Turkey Meatball And Hearty Vegetable Soup

By Macki West

My family’s favorite way to eat turkey is in the form of a meatball. We will have them plain, with sauce or lately as the headliner in a hearty vegetable soup. It’s one of those simple and delicious one-pot meals that makes you long for leftovers and warms your soul on a cold fall day.  My kids even ask for it in their lunch the next day that’s saying a lot coming from my PB & J everyday kids!

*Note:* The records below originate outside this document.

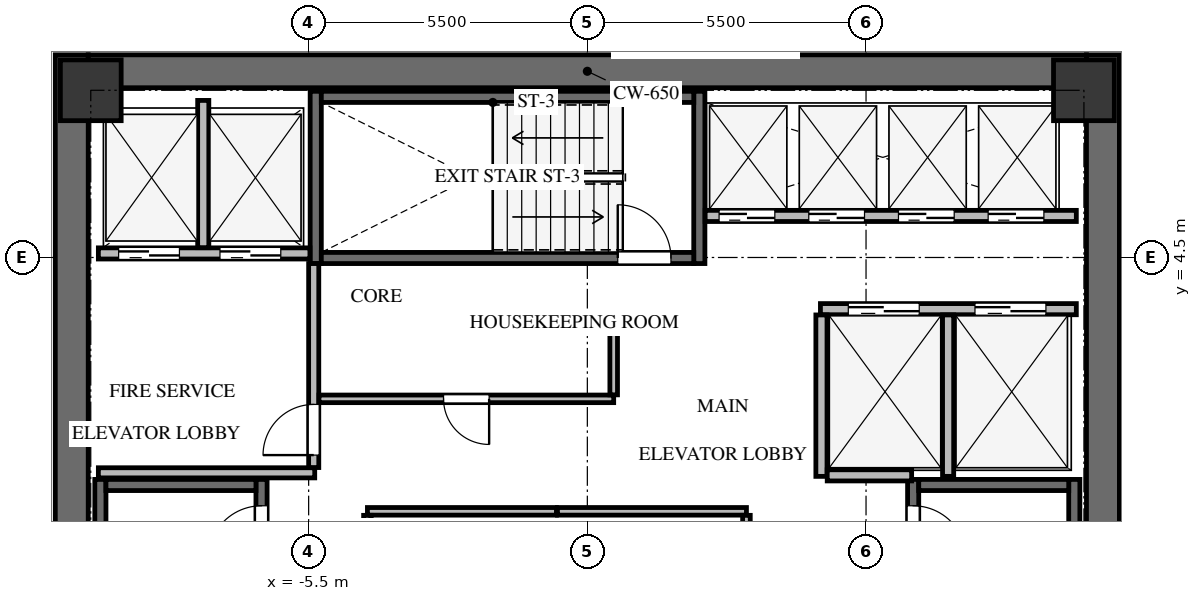
"""IFC4 building model, lengths in metres.
Left out: names, types, materials, properties, quantities, classifications, styles, units other than length and angle.
Written with IfcOpenShell. Run it as: python <this file> out.ifc"""

import sys

from ifc_helpers import new_model, si_unit, direction, frame, frame_2d, origin, origin_2d, place, context, subcontext, project, spatial, rectangle, extrude, source, transform, mapped, element, fill, save


model = new_model("IFC4")
c1 = context("Model", 3, precision=1e-05, world=origin(), true_north=direction((0.0, 1.0)))
c2 = subcontext(c1, "Body", "Model", "MODEL_VIEW")
j1 = project(units=[si_unit("LENGTHUNIT", "METRE"), si_unit("PLANEANGLEUNIT", "RADIAN")], contexts=[c1])
p1 = place(None, origin())
s1 = spatial("IfcSite", under=j1, at=p1, CompositionType="ELEMENT")
p2 = place(p1, origin())
s2 = spatial("IfcBuilding", under=s1, at=p2, CompositionType="ELEMENT")
p3 = place(p2, frame((0.0, 0.0, 183.7)))
s3 = spatial("IfcBuildingStorey", under=s2, at=p3, CompositionType="ELEMENT", Elevation=183.7)
for number, where, z_axis, x_axis in (
    (1, (-10.175, -8.5, 0.0), (0.0, 0.0, 1.0), (0.0, 1.0, 0.0)),
    (2, (10.175, -8.5, 0.0), (0.0, 0.0, 1.0), (0.0, 1.0, 0.0)),
):
    element("IfcWall", number, at=place(p3, frame(where, z_axis=z_axis, x_axis=x_axis)), inside=s3, PredefinedType="SHEAR", context=c2, shape_type="SweptSolid", body=[
        extrude(rectangle(XDim=17.0, YDim=0.65, at=frame_2d((8.5, 0.0))), origin(), (0.0, 0.0, 1.0), 3.3),
    ])
p4 = place(p3, frame((-9.85, 8.175, 0.0), z_axis=(0.0, 0.0, 1.0), x_axis=(1.0, 0.0, 0.0)))
e3 = element("IfcWall", 3, at=p4, inside=s3, PredefinedType="SHEAR", context=c2, shape_type="SweptSolid", body=[
    extrude(rectangle(XDim=19.7, YDim=0.65, at=frame_2d((9.85, 0.0))), origin(), (0.0, 0.0, 1.0), 3.3),
])
p5 = place(p3, frame((-6.43, -7.77, -0.24), z_axis=(0.0, 0.0, 1.0), x_axis=(0.0, 1.0, 0.0)))
e4 = element("IfcWall", 4, at=p5, inside=s3, PredefinedType="SHEAR", context=c2, shape_type="SweptSolid", body=[
    extrude(rectangle(XDim=7.89, YDim=0.22, at=frame_2d((3.945, 0.0))), origin(), (0.0, 0.0, 1.0), 3.3),
])
p6 = place(p5, frame((6.32, 0.0, 0.0)))
e5 = element("IfcOpeningElement", 5, at=p6, cuts=e4, PredefinedType="OPENING", context=c2, shape_type="SweptSolid", body=[
    extrude(rectangle(XDim=1.05, YDim=2.15, at=frame_2d((0.525, 1.075))), frame((0.0, 0.12, 0.0), z_axis=(0.0, -1.0, 0.0), x_axis=(1.0, 0.0, 0.0)), (0.0, 0.0, 1.0), 0.24),
])
p7 = place(p3, frame((-9.61, 0.12, -0.24), z_axis=(0.0, 0.0, 1.0), x_axis=(0.0, -1.0, 0.0)))
e6 = element("IfcWall", 6, at=p7, inside=s3, PredefinedType="SHEAR", context=c2, shape_type="SweptSolid", body=[
    extrude(rectangle(XDim=7.89, YDim=0.22, at=frame_2d((3.945, 0.0))), origin(), (0.0, 0.0, 1.0), 3.3),
])
p8 = place(p3, frame((-6.54, 0.01, -0.24), z_axis=(0.0, 0.0, 1.0), x_axis=(-1.0, 0.0, 0.0)))
e7 = element("IfcWall", 7, at=p8, inside=s3, PredefinedType="SHEAR", context=c2, shape_type="SweptSolid", body=[
    extrude(rectangle(XDim=2.96, YDim=0.22, at=frame_2d((1.48, 0.0))), origin(), (0.0, 0.0, 1.0), 3.3),
])
p9 = place(p3, frame((9.61, -7.77, -0.24), z_axis=(0.0, 0.0, 1.0), x_axis=(0.0, 1.0, 0.0)))
e8 = element("IfcWall", 8, at=p9, inside=s3, PredefinedType="SHEAR", context=c2, shape_type="SweptSolid", body=[
    extrude(rectangle(XDim=7.89, YDim=0.22, at=frame_2d((3.945, 0.0))), origin(), (0.0, 0.0, 1.0), 3.3),
])
p10 = place(p3, frame((6.43, 0.12, -0.24), z_axis=(0.0, 0.0, 1.0), x_axis=(0.0, -1.0, 0.0)))
e9 = element("IfcWall", 9, at=p10, inside=s3, PredefinedType="SHEAR", context=c2, shape_type="SweptSolid", body=[
    extrude(rectangle(XDim=7.89, YDim=0.22, at=frame_2d((3.945, 0.0))), origin(), (0.0, 0.0, 1.0), 3.3),
])
p11 = place(p10, frame((0.52, 0.0, 0.0)))
e10 = element("IfcOpeningElement", 10, at=p11, cuts=e9, PredefinedType="OPENING", context=c2, shape_type="SweptSolid", body=[
    extrude(rectangle(XDim=1.05, YDim=2.15, at=frame_2d((0.525, 1.075))), frame((0.0, 0.12, 0.0), z_axis=(0.0, -1.0, 0.0), x_axis=(1.0, 0.0, 0.0)), (0.0, 0.0, 1.0), 0.24),
])
p12 = place(p3, frame((9.5, 0.01, -0.24), z_axis=(0.0, 0.0, 1.0), x_axis=(-1.0, 0.0, 0.0)))
e11 = element("IfcWall", 11, at=p12, inside=s3, PredefinedType="SHEAR", context=c2, shape_type="SweptSolid", body=[
    extrude(rectangle(XDim=2.96, YDim=0.22, at=frame_2d((1.48, 0.0))), origin(), (0.0, 0.0, 1.0), 3.3),
])
for number, where, z_axis, x_axis in (
    (12, (2.21, 4.38, -0.24), (0.0, 0.0, 1.0), (0.0, 1.0, 0.0)),
    (13, (-5.36, 7.78, -0.24), (0.0, 0.0, 1.0), (0.0, -1.0, 0.0)),
):
    element("IfcWall", number, at=place(p3, frame(where, z_axis=z_axis, x_axis=x_axis)), inside=s3, PredefinedType="SHEAR", context=c2, shape_type="SweptSolid", body=[
        extrude(rectangle(XDim=3.4, YDim=0.22, at=frame_2d((1.7, 0.0))), origin(), (0.0, 0.0, 1.0), 3.3),
    ])
p13 = place(p3, frame((-5.25, 4.49, -0.24), z_axis=(0.0, 0.0, 1.0), x_axis=(1.0, 0.0, 0.0)))
e14 = element("IfcWall", 14, at=p13, inside=s3, PredefinedType="SHEAR", context=c2, shape_type="SweptSolid", body=[
    extrude(rectangle(XDim=7.35, YDim=0.22, at=frame_2d((3.675, 0.0))), origin(), (0.0, 0.0, 1.0), 3.3),
])
p14 = place(p13, frame((5.85, 0.0, 0.0)))
e15 = element("IfcOpeningElement", 15, at=p14, cuts=e14, PredefinedType="OPENING", context=c2, shape_type="SweptSolid", body=[
    extrude(rectangle(XDim=1.05, YDim=2.15, at=frame_2d((0.525, 1.075))), frame((0.0, 0.12, 0.0), z_axis=(0.0, -1.0, 0.0), x_axis=(1.0, 0.0, 0.0)), (0.0, 0.0, 1.0), 0.24),
])
p15 = place(p3, frame((2.1, 7.67, -0.24), z_axis=(0.0, 0.0, 1.0), x_axis=(-1.0, 0.0, 0.0)))
e16 = element("IfcWall", 16, at=p15, inside=s3, PredefinedType="SHEAR", context=c2, shape_type="SweptSolid", body=[
    extrude(rectangle(XDim=7.35, YDim=0.22, at=frame_2d((3.675, 0.0))), origin(), (0.0, 0.0, 1.0), 3.3),
])
m1 = source(origin(), c2, "Body", "SweptSolid", [
    extrude(rectangle(XDim=1.2, YDim=1.2, at=origin_2d()), origin(), (0.0, 0.0, 1.0), 3.3),
])
for number, where, z_axis, x_axis in (
    (17, (9.8, 7.8, -0.24), (0.0, 0.0, 1.0), (1.0, 0.0, 0.0)),
    (18, (-9.8, 7.8, -0.24), (0.0, 0.0, 1.0), (1.0, 0.0, 0.0)),
):
    element("IfcColumn", number, at=place(p3, frame(where, z_axis=z_axis, x_axis=x_axis)), inside=s3, PredefinedType="COLUMN", context=c2, shape_type="MappedRepresentation", body=[
        mapped(m1, transform((0.0, 0.0, 0.0), x_axis=(1.0, 0.0, 0.0), y_axis=(0.0, 1.0, 0.0), z_axis=(0.0, 0.0, 1.0), scale=1.0)),
    ])
p16 = place(p3, frame((-9.65, 4.58, 0.0), z_axis=(0.0, 0.0, 1.0), x_axis=(1.0, 0.0, 0.0)))
e19 = element("IfcWall", 19, at=p16, inside=s3, PredefinedType="SOLIDWALL", context=c2, shape_type="SweptSolid", body=[
    extrude(rectangle(XDim=4.175, YDim=0.22, at=frame_2d((2.087, 0.0))), origin(), (0.0, 0.0, 1.0), 3.045),
])
p17 = place(p16, frame((0.4, 0.0, 0.0)))
e20 = element("IfcOpeningElement", 20, at=p17, cuts=e19, PredefinedType="OPENING", context=c2, shape_type="SweptSolid", body=[
    extrude(rectangle(XDim=1.2, YDim=2.15, at=frame_2d((0.6, 1.075))), frame((0.0, 0.12, 0.0), z_axis=(0.0, -1.0, 0.0), x_axis=(1.0, 0.0, 0.0)), (0.0, 0.0, 1.0), 0.24),
])
p18 = place(p16, frame((2.4, 0.0, 0.0)))
e21 = element("IfcOpeningElement", 21, at=p18, cuts=e19, PredefinedType="OPENING", context=c2, shape_type="SweptSolid", body=[
    extrude(rectangle(XDim=1.2, YDim=2.15, at=frame_2d((0.6, 1.075))), frame((0.0, 0.12, 0.0), z_axis=(0.0, -1.0, 0.0), x_axis=(1.0, 0.0, 0.0)), (0.0, 0.0, 1.0), 0.24),
])
p19 = place(p3, frame((-7.58, 4.694, 0.0), z_axis=(0.0, 0.0, 1.0), x_axis=(0.0, 1.0, 0.0)))
e22 = element("IfcWall", 22, at=p19, inside=s3, PredefinedType="SOLIDWALL", context=c2, shape_type="SweptSolid", body=[
    extrude(rectangle(XDim=2.906, YDim=0.22, at=frame_2d((1.453, 0.0))), origin(), (0.0, 0.0, 1.0), 3.045),
])
p20 = place(p3, frame((-9.65, 0.25, 0.0), z_axis=(0.0, 0.0, 1.0), x_axis=(1.0, 0.0, 0.0)))
e23 = element("IfcWall", 23, at=p20, inside=s3, PredefinedType="SOLIDWALL", context=c2, shape_type="SweptSolid", body=[
    extrude(rectangle(XDim=4.27, YDim=0.2, at=frame_2d((2.135, 0.0))), origin(), (0.0, 0.0, 1.0), 3.045),
])
p21 = place(p3, frame((-5.4, 0.354, 0.0), z_axis=(0.0, 0.0, 1.0), x_axis=(0.0, 1.0, 0.0)))
e24 = element("IfcWall", 24, at=p21, inside=s3, PredefinedType="SOLIDWALL", context=c2, shape_type="SweptSolid", body=[
    extrude(rectangle(XDim=4.026, YDim=0.2, at=frame_2d((2.013, 0.0))), origin(), (0.0, 0.0, 1.0), 3.045),
])
p22 = place(p21, frame((0.246, 0.0, 0.0)))
e25 = element("IfcOpeningElement", 25, at=p22, cuts=e24, PredefinedType="OPENING", context=c2, shape_type="SweptSolid", body=[
    extrude(rectangle(XDim=1.0, YDim=2.15, at=frame_2d((0.5, 1.075))), frame((0.0, 0.11, 0.0), z_axis=(0.0, -1.0, 0.0), x_axis=(1.0, 0.0, 0.0)), (0.0, 0.0, 1.0), 0.22),
])
p23 = place(p3, frame((4.6, 3.48, 0.0), z_axis=(0.0, 0.0, 1.0), x_axis=(1.0, 0.0, 0.0)))
e26 = element("IfcWall", 26, at=p23, inside=s3, PredefinedType="SOLIDWALL", context=c2, shape_type="SweptSolid", body=[
    extrude(rectangle(XDim=5.05, YDim=0.22, at=frame_2d((2.525, 0.0))), origin(), (0.0, 0.0, 1.0), 3.045),
])
p24 = place(p23, frame((0.55, 0.0, 0.0)))
e27 = element("IfcOpeningElement", 27, at=p24, cuts=e26, PredefinedType="OPENING", context=c2, shape_type="SweptSolid", body=[
    extrude(rectangle(XDim=1.4, YDim=2.15, at=frame_2d((0.7, 1.075))), frame((0.0, 0.12, 0.0), z_axis=(0.0, -1.0, 0.0), x_axis=(1.0, 0.0, 0.0)), (0.0, 0.0, 1.0), 0.24),
])
p25 = place(p23, frame((3.05, 0.0, 0.0)))
e28 = element("IfcOpeningElement", 28, at=p25, cuts=e26, PredefinedType="OPENING", context=c2, shape_type="SweptSolid", body=[
    extrude(rectangle(XDim=1.4, YDim=2.15, at=frame_2d((0.7, 1.075))), frame((0.0, 0.12, 0.0), z_axis=(0.0, -1.0, 0.0), x_axis=(1.0, 0.0, 0.0)), (0.0, 0.0, 1.0), 0.24),
])
for number, where, z_axis, x_axis in (
    (29, (4.62, 0.18, 0.0), (0.0, 0.0, 1.0), (0.0, 1.0, 0.0)),
    (30, (7.12, 0.18, 0.0), (0.0, 0.0, 1.0), (0.0, 1.0, 0.0)),
):
    element("IfcWall", number, at=place(p3, frame(where, z_axis=z_axis, x_axis=x_axis)), inside=s3, PredefinedType="SOLIDWALL", context=c2, shape_type="SweptSolid", body=[
        extrude(rectangle(XDim=3.186, YDim=0.22, at=frame_2d((1.593, 0.0))), origin(), (0.0, 0.0, 1.0), 3.045),
    ])
p26 = place(p3, frame((4.734, 0.2, 0.0), z_axis=(0.0, 0.0, 1.0), x_axis=(1.0, 0.0, 0.0)))
e31 = element("IfcWall", 31, at=p26, inside=s3, PredefinedType="SOLIDWALL", context=c2, shape_type="SweptSolid", body=[
    extrude(rectangle(XDim=1.666, YDim=0.22, at=frame_2d((0.833, 0.0))), origin(), (0.0, 0.0, 1.0), 3.045),
])
p27 = place(p3, frame((2.325, 5.32, 0.0), z_axis=(0.0, 0.0, 1.0), x_axis=(1.0, 0.0, 0.0)))
e32 = element("IfcWall", 32, at=p27, inside=s3, PredefinedType="SOLIDWALL", context=c2, shape_type="SweptSolid", body=[
    extrude(rectangle(XDim=7.325, YDim=0.22, at=frame_2d((3.663, 0.0))), origin(), (0.0, 0.0, 1.0), 3.045),
])
p28 = place(p27, frame((0.275, 0.0, 0.0)))
e33 = element("IfcOpeningElement", 33, at=p28, cuts=e32, PredefinedType="OPENING", context=c2, shape_type="SweptSolid", body=[
    extrude(rectangle(XDim=1.1, YDim=2.15, at=frame_2d((0.55, 1.075))), frame((0.0, 0.12, 0.0), z_axis=(0.0, -1.0, 0.0), x_axis=(1.0, 0.0, 0.0)), (0.0, 0.0, 1.0), 0.24),
])
p29 = place(p27, frame((2.045, 0.0, 0.0)))
e34 = element("IfcOpeningElement", 34, at=p29, cuts=e32, PredefinedType="OPENING", context=c2, shape_type="SweptSolid", body=[
    extrude(rectangle(XDim=1.1, YDim=2.15, at=frame_2d((0.55, 1.075))), frame((0.0, 0.12, 0.0), z_axis=(0.0, -1.0, 0.0), x_axis=(1.0, 0.0, 0.0)), (0.0, 0.0, 1.0), 0.24),
])
p30 = place(p27, frame((3.815, 0.0, 0.0)))
e35 = element("IfcOpeningElement", 35, at=p30, cuts=e32, PredefinedType="OPENING", context=c2, shape_type="SweptSolid", body=[
    extrude(rectangle(XDim=1.1, YDim=2.15, at=frame_2d((0.55, 1.075))), frame((0.0, 0.12, 0.0), z_axis=(0.0, -1.0, 0.0), x_axis=(1.0, 0.0, 0.0)), (0.0, 0.0, 1.0), 0.24),
])
p31 = place(p27, frame((5.585, 0.0, 0.0)))
e36 = element("IfcOpeningElement", 36, at=p31, cuts=e32, PredefinedType="OPENING", context=c2, shape_type="SweptSolid", body=[
    extrude(rectangle(XDim=1.1, YDim=2.15, at=frame_2d((0.55, 1.075))), frame((0.0, 0.12, 0.0), z_axis=(0.0, -1.0, 0.0), x_axis=(1.0, 0.0, 0.0)), (0.0, 0.0, 1.0), 0.24),
])
p32 = place(p3, frame((-4.34, -0.51, 0.0), z_axis=(0.0, 0.0, 1.0), x_axis=(1.0, 0.0, 0.0)))
e37 = element("IfcWall", 37, at=p32, inside=s3, PredefinedType="PARTITIONING", context=c2, shape_type="SweptSolid", body=[
    extrude(rectangle(XDim=3.73, YDim=0.15, at=frame_2d((1.865, 0.0))), origin(), (0.0, 0.0, 1.0), 3.045),
])
p33 = place(p3, frame((-4.34, -2.961, 0.0), z_axis=(0.0, 0.0, 1.0), x_axis=(0.0, 1.0, 0.0)))
e38 = element("IfcWall", 38, at=p33, inside=s3, PredefinedType="PARTITIONING", context=c2, shape_type="SweptSolid", body=[
    extrude(rectangle(XDim=2.372, YDim=0.15, at=frame_2d((1.186, 0.0))), origin(), (0.0, 0.0, 1.0), 3.045),
])
p34 = place(p3, frame((-0.59, -0.51, 0.0), z_axis=(0.0, 0.0, 1.0), x_axis=(1.0, 0.0, 0.0)))
e39 = element("IfcWall", 39, at=p34, inside=s3, PredefinedType="PARTITIONING", context=c2, shape_type="SweptSolid", body=[
    extrude(rectangle(XDim=3.73, YDim=0.15, at=frame_2d((1.865, 0.0))), origin(), (0.0, 0.0, 1.0), 3.045),
])
p35 = place(p3, frame((3.14, -0.589, 0.0), z_axis=(0.0, 0.0, 1.0), x_axis=(0.0, -1.0, 0.0)))
e40 = element("IfcWall", 40, at=p35, inside=s3, PredefinedType="PARTITIONING", context=c2, shape_type="SweptSolid", body=[
    extrude(rectangle(XDim=2.372, YDim=0.15, at=frame_2d((1.186, 0.0))), origin(), (0.0, 0.0, 1.0), 3.045),
])
p36 = place(p3, frame((0.52, 1.71, 0.0), z_axis=(0.0, 0.0, 1.0), x_axis=(-1.0, 0.0, 0.0)))
e41 = element("IfcWall", 41, at=p36, inside=s3, PredefinedType="PARTITIONING", context=c2, shape_type="SweptSolid", body=[
    extrude(rectangle(XDim=5.816, YDim=0.15, at=frame_2d((2.908, 0.0))), origin(), (0.0, 0.0, 1.0), 3.045),
])
p37 = place(p36, frame((2.458, 0.0, 0.0)))
e42 = element("IfcOpeningElement", 42, at=p37, cuts=e41, PredefinedType="OPENING", context=c2, shape_type="SweptSolid", body=[
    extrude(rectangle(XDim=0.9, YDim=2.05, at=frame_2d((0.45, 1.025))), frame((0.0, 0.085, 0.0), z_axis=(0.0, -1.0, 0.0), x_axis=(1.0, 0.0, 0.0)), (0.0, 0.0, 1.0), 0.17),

Some more interesting posts:

Slow-Cooker Turkey Meatballs

Ultimate Meatball Sub Sandwich

Turkey Meatball

Ingredients:

  • 1 lb lean ground turkey
  • 1/3 cup Italian seasoned breadcrumbs
  • 1 teaspoon Italian seasoning
  • 1/3 of an onion finely chopped
  • salt and pepper
  • 1 egg
  • 2 tablespoons Worcestershire sauce
  • ¼ cup milk

Directions:

Mix the ground turkey with the dry ingredients and onion. Combine the wet ingredients in a separate bowl and whisk together, then pour into the ground turkey. Gently stir to combine and form into small balls. Heat olive oil in a dutch oven over medium heat and place the meatballs into the pot. Cook for about 5 minutes, then flip and cook an additional 3 minutes. Remove from pot and set aside. Now it’s time to make your soup.

Hearty Vegetable Soup

Ingredients:

  • 2 tablespoon olive oil
  • 2/3 onion roughly chopped
  • 3 cloves of garlic, crushed
  • salt and pepper
  • 1/2 cup white wine
  • 4 cups of chicken broth
  • ½ cup water
  • 1 can diced tomatoes
  • 1 can stewed tomatoes (I puree these with a stick blender)
  • 1 cup of sliced carrots
  • 2 cups thick sliced green and yellow squash/zucchini
  • 1 teaspoon oregano
  • 1 teaspoon basil
  • 1 tablespoons parsley
  • 10 oz package of cheese tortellini
  • 1 teaspoon sugar
  • parmesan cheese

Directions:

Heat oil in the dutch oven with the brown bits from the meatballs. Add the onion, garlic, salt and pepper, cook for about 5 minutes until onion is translucent. Add wine to deglaze the pan. Once the bit are off the bottom of the pan, add the broth, wine, tomatoes, water and carrots. Simmer for 30 minutes. Add the zucchini, herbs, tortellini and sugar and simmer for an additional 10 minutes. Then add the meatballs and cook for another 10 minutes and serve with a sprinkling of parmesan cheese.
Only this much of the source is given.